Personal stereos. The Walkman. Twenty-five years earlier, the transistor radio was still a marvel. And now we had a personal stereo, and it was capable of playing music of our own choosing, on a cassette tape! In two separate high-fidelity channels!! Who in 1956 would have ever thought they could do that? Color TV? Perhaps it was available, but who had it? Who could afford it? Cable TV? It existed, perhaps, but strictly for people in areas where TV signals were blocked by big geography, like mountains. The personal computer. We were learning BASIC language on what came to be not-so-affectionately referred to as “Trash-80s.” (the Tandy-Radio Shack TRS-80.) And I could not, for the life of me, figure out why I had to know this stuff. As it turned out, I never really learned it! I could list thousands of innovations that were in use in 1981 that hadn’t even been dreamed of in 1956 – that is, if I knew all of them – but I’m babbling again.

My point…finally. Twenty-five years of history is not as remote when you’ve lived it as when you only read about it or see it in movies or TV. When I saw “1981” on my TV screen this afternoon, I did sort of a nanosecond flashback that covered the time-span of 24 years and change. I tried to think of the ‘80s as remote and primitive as the ‘50s, but my brain couldn’t do it. I lived there. It didn’t seem remote and primitive at the time, and it doesn’t seem that way now. CRAP! Most of the time it seems like just a few days ago! I tried to picture the thoughts of a 17-year-old today thinking back to what it must have been like to be alive way back in the early ‘80s when his mom and dad were teenagers and, well, I still couldn’t do it.

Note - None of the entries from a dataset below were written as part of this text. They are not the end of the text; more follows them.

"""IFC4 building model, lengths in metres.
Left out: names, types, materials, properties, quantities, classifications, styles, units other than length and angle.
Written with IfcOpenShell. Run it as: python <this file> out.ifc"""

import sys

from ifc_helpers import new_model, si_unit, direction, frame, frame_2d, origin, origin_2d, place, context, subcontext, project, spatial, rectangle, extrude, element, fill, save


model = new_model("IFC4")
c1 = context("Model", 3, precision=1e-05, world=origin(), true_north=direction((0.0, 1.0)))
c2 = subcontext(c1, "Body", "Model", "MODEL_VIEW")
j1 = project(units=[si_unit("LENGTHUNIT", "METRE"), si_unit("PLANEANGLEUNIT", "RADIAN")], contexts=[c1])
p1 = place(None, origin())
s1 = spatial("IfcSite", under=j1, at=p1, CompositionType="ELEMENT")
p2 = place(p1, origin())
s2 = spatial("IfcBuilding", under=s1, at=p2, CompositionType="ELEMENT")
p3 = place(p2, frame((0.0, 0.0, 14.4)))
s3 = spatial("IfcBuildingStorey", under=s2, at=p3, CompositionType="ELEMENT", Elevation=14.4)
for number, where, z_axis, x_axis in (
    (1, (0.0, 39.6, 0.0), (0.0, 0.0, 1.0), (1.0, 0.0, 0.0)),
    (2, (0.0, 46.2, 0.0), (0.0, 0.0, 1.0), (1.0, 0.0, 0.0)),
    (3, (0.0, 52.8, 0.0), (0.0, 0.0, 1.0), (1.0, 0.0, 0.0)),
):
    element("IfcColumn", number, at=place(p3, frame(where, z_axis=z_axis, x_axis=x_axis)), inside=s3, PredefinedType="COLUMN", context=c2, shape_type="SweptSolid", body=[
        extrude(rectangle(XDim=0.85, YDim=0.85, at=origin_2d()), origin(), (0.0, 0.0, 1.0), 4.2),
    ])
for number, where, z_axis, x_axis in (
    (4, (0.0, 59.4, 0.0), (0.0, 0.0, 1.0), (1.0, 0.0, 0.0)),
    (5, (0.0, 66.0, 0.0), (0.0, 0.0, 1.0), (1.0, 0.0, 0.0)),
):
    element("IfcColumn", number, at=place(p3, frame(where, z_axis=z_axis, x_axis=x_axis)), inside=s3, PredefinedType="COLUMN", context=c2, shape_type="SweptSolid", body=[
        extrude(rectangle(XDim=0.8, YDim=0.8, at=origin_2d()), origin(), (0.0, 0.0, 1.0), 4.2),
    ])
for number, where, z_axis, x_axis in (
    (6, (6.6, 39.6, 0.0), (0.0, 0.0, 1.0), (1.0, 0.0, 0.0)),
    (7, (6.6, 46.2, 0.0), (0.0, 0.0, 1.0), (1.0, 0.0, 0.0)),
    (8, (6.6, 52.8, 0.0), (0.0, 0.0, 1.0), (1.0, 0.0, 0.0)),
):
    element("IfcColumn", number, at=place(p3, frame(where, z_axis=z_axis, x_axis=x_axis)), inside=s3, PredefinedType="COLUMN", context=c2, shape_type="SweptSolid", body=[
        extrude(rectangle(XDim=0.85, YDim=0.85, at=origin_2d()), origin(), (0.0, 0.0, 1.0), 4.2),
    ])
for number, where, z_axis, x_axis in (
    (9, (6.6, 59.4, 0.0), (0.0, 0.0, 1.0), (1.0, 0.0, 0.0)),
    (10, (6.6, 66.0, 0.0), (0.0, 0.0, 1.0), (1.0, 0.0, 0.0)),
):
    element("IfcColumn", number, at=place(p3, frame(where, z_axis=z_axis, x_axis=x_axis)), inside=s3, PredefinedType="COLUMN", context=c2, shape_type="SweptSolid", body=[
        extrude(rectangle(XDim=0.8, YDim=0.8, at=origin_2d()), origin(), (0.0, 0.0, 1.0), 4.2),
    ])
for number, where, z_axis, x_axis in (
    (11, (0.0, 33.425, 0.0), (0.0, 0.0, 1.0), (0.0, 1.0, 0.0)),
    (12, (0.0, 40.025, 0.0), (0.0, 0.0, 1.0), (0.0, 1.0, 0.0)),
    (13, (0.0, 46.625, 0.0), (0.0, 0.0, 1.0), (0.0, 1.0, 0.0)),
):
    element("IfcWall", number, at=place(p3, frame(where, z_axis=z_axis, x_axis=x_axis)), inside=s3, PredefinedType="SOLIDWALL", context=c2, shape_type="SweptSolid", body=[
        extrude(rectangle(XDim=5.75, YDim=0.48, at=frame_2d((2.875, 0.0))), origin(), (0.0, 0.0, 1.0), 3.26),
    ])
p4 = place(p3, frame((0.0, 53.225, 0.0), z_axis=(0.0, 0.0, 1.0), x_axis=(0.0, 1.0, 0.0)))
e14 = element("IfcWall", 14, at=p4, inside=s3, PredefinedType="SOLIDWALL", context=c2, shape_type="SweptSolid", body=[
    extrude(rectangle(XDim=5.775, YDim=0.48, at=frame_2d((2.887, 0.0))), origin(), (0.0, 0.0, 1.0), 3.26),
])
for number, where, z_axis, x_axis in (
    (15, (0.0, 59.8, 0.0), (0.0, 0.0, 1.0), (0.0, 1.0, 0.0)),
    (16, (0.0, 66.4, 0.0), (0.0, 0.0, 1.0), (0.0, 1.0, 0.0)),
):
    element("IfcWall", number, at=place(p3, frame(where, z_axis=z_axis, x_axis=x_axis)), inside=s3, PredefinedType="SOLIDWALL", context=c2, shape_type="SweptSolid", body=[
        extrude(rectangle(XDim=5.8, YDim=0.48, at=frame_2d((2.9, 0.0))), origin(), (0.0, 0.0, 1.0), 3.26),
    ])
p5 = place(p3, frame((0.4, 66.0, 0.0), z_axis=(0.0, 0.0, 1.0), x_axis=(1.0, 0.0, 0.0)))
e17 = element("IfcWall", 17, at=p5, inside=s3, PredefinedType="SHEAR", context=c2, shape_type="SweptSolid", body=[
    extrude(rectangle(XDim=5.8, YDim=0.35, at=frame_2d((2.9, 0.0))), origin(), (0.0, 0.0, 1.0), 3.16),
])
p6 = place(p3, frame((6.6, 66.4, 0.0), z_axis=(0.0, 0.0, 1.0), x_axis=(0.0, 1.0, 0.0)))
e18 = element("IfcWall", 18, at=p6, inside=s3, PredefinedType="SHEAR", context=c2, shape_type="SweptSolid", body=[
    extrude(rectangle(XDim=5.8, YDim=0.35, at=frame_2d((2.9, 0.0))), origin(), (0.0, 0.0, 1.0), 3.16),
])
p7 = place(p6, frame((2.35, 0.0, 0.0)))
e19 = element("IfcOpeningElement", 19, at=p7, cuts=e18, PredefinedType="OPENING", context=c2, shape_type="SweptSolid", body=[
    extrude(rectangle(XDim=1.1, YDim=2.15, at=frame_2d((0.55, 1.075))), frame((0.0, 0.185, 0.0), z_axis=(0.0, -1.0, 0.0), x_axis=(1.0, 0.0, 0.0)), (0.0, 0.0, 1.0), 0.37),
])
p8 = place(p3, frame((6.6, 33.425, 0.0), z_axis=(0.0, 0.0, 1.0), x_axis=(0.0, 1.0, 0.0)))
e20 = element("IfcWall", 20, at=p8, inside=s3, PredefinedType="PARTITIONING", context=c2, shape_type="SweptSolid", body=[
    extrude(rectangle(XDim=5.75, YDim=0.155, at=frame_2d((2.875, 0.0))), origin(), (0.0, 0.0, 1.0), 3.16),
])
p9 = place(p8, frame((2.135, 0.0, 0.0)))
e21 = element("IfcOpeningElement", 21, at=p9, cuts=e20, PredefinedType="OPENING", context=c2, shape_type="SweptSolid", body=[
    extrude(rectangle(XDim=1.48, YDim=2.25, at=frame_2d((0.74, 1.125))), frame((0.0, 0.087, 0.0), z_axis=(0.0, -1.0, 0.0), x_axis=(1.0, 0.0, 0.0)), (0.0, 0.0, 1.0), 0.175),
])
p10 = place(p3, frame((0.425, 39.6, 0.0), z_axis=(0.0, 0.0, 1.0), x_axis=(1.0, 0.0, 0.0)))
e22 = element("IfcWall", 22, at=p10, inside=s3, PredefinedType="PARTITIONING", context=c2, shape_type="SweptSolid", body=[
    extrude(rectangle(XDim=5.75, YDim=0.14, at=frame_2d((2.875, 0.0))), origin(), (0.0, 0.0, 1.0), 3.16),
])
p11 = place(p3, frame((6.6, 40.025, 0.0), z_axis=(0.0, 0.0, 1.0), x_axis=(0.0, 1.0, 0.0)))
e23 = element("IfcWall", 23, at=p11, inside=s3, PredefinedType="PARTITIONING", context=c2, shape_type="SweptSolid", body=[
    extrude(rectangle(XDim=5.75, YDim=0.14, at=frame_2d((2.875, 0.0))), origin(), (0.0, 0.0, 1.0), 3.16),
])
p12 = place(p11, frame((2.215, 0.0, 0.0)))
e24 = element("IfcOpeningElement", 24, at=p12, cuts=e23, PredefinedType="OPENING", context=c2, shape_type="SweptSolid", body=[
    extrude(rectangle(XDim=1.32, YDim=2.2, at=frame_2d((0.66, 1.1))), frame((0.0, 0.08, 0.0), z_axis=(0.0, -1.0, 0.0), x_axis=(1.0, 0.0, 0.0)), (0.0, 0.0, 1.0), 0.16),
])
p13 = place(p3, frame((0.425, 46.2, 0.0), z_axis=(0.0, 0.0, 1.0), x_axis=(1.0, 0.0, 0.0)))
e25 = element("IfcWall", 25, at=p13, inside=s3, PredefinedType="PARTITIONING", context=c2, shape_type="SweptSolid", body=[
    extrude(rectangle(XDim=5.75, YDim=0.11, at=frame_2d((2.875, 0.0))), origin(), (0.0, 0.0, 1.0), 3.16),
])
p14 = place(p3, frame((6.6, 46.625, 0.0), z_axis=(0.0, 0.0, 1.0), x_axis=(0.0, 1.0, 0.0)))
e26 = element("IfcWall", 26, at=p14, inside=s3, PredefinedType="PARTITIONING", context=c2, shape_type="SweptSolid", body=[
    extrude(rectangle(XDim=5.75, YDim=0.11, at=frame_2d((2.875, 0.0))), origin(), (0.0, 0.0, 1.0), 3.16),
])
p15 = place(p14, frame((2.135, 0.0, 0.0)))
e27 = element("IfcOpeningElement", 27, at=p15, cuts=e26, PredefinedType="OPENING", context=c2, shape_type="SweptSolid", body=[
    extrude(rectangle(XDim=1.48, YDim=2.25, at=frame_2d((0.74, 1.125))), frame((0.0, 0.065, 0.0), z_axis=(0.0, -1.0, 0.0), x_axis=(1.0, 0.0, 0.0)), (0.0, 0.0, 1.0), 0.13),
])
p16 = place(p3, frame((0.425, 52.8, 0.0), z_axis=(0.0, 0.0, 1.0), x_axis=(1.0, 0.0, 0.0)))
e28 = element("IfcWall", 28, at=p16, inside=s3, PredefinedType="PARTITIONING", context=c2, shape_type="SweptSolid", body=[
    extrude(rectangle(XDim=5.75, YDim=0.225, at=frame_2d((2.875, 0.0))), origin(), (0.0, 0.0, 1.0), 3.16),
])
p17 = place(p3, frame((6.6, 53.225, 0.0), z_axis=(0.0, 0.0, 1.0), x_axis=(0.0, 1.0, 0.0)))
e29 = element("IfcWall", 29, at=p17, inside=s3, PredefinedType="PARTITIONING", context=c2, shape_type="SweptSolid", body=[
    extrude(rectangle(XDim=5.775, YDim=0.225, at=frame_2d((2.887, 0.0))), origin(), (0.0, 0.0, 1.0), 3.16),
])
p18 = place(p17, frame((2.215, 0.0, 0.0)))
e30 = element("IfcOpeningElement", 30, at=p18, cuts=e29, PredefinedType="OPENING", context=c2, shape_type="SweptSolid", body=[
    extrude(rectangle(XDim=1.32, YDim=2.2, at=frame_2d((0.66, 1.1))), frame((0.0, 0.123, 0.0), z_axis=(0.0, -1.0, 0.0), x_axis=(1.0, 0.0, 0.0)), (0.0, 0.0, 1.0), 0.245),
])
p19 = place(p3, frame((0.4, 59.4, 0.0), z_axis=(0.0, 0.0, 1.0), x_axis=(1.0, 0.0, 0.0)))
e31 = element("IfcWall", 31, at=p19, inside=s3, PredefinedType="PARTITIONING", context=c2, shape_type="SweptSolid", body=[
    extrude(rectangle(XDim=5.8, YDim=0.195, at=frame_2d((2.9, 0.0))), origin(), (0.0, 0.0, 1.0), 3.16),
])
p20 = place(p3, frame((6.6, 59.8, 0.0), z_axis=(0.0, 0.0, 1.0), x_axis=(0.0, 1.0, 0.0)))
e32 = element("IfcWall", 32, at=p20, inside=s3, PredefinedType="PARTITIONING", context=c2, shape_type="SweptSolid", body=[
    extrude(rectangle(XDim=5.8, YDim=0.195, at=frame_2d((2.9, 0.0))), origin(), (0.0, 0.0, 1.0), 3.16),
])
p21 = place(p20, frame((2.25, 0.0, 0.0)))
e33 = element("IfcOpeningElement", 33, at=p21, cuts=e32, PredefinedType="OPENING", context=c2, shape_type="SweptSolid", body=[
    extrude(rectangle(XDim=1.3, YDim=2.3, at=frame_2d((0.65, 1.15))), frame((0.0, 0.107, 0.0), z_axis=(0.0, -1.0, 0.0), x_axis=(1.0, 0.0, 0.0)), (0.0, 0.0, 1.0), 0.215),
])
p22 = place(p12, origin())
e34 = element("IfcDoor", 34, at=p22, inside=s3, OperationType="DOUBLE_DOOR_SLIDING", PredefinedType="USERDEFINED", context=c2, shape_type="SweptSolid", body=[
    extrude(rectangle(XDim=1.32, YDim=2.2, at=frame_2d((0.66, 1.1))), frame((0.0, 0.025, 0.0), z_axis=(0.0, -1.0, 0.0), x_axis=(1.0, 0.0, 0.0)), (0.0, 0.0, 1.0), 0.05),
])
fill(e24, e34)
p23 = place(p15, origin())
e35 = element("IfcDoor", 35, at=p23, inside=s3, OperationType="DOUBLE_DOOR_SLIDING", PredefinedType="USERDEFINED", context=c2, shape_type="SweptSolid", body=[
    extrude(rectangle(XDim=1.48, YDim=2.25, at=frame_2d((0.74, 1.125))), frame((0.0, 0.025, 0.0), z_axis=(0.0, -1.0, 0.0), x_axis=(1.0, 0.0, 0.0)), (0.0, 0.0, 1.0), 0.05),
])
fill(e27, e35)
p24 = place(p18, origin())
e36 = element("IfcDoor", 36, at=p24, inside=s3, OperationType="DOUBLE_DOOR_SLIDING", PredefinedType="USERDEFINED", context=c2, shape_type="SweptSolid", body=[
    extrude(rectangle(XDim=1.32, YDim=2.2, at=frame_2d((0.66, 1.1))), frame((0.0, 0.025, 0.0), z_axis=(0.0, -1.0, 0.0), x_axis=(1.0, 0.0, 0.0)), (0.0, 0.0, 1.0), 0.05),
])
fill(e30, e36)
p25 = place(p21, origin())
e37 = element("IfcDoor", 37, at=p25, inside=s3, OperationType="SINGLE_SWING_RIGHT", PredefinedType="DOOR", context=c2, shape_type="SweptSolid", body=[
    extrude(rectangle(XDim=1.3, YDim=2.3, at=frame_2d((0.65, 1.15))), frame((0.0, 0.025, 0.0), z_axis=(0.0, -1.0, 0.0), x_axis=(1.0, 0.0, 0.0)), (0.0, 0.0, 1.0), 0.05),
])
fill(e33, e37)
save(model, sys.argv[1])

But I do get it when I see a movie contemporary of the time, or a photo what shows some “new” technology, or the rare home movie (super8, thankyouverymuch!), or the even rarer home video, that can serve as time capsules. That’s when the new, streamlined items of “convenience” just appear absurdly large and cumbersome today.

Picture your average kid doing the average thing today while doing nothing: playing with his/her Game Boy. I don’t remember the year, but I do remember the game: Mattel Electronic Football, perhaps the great-granddaddy to the Game Boy. It was a handheld game, slightly larger than today’s less sleek Palm-style PDAs. It had maybe six buttons on it, four of which were used to maneuver a solitary little LED blip between various arrays of other little LED blips. If you tried to get your blip to occupy the same diode that a “defender” blip occupied, or the “defenders” caught up to your blip, you were tackled. The sound at the tackle, which I can only guess is an electronic rendition of a referee’s whistle, is forever preserved for posterity near the end of Supertramp’s “The Logical Song,” from their “Breakfast In America” album, which came out in 1979, thus dating the game actually before the ‘80s. This game was outclassed a year or two after its debut by Coleco’s version of electronic football. This game allowed a player to “throw” a pass! My best friend’s younger brother had this game, and it made me envious. And even I was shocked at how quickly the fervor for these games spiked (these toys were forever sold out, especially during the holiday shopping season) and then waned. I begged for this toy for a whole year, got it at Christmas, probably 1980, and by March of ‘81 I never played with it again.

I babbled again. These toys were just simply controlling little red blips on a diode array. Twenty-five years later, on a toy essentially the same size, we have highly detailed, highly sophisticated animations that we can control with buttons and maneuver our characters through incredibly intricate mazes and imaginary worlds, and entertain ourselves for hours and hours.

But I cannot allow myself to think of Mattel Electronic Football, or the AM/FM stereo/cassette player Walkman, or the 64Kb computer as 25+ year-old relics, for to admit that they are relics, so must I admit am I.

And I just can’t do that.


dassall

2 comments:

ProducerClaire said...

Given the fact that I've already told you how I feel about albums versus CDs, I'll move this response into another area....
I don't think you need to call 25 year old technology a "relic"...because it's not.

We are living in accellerated times. In fact, you prompted me to post about it...check it out.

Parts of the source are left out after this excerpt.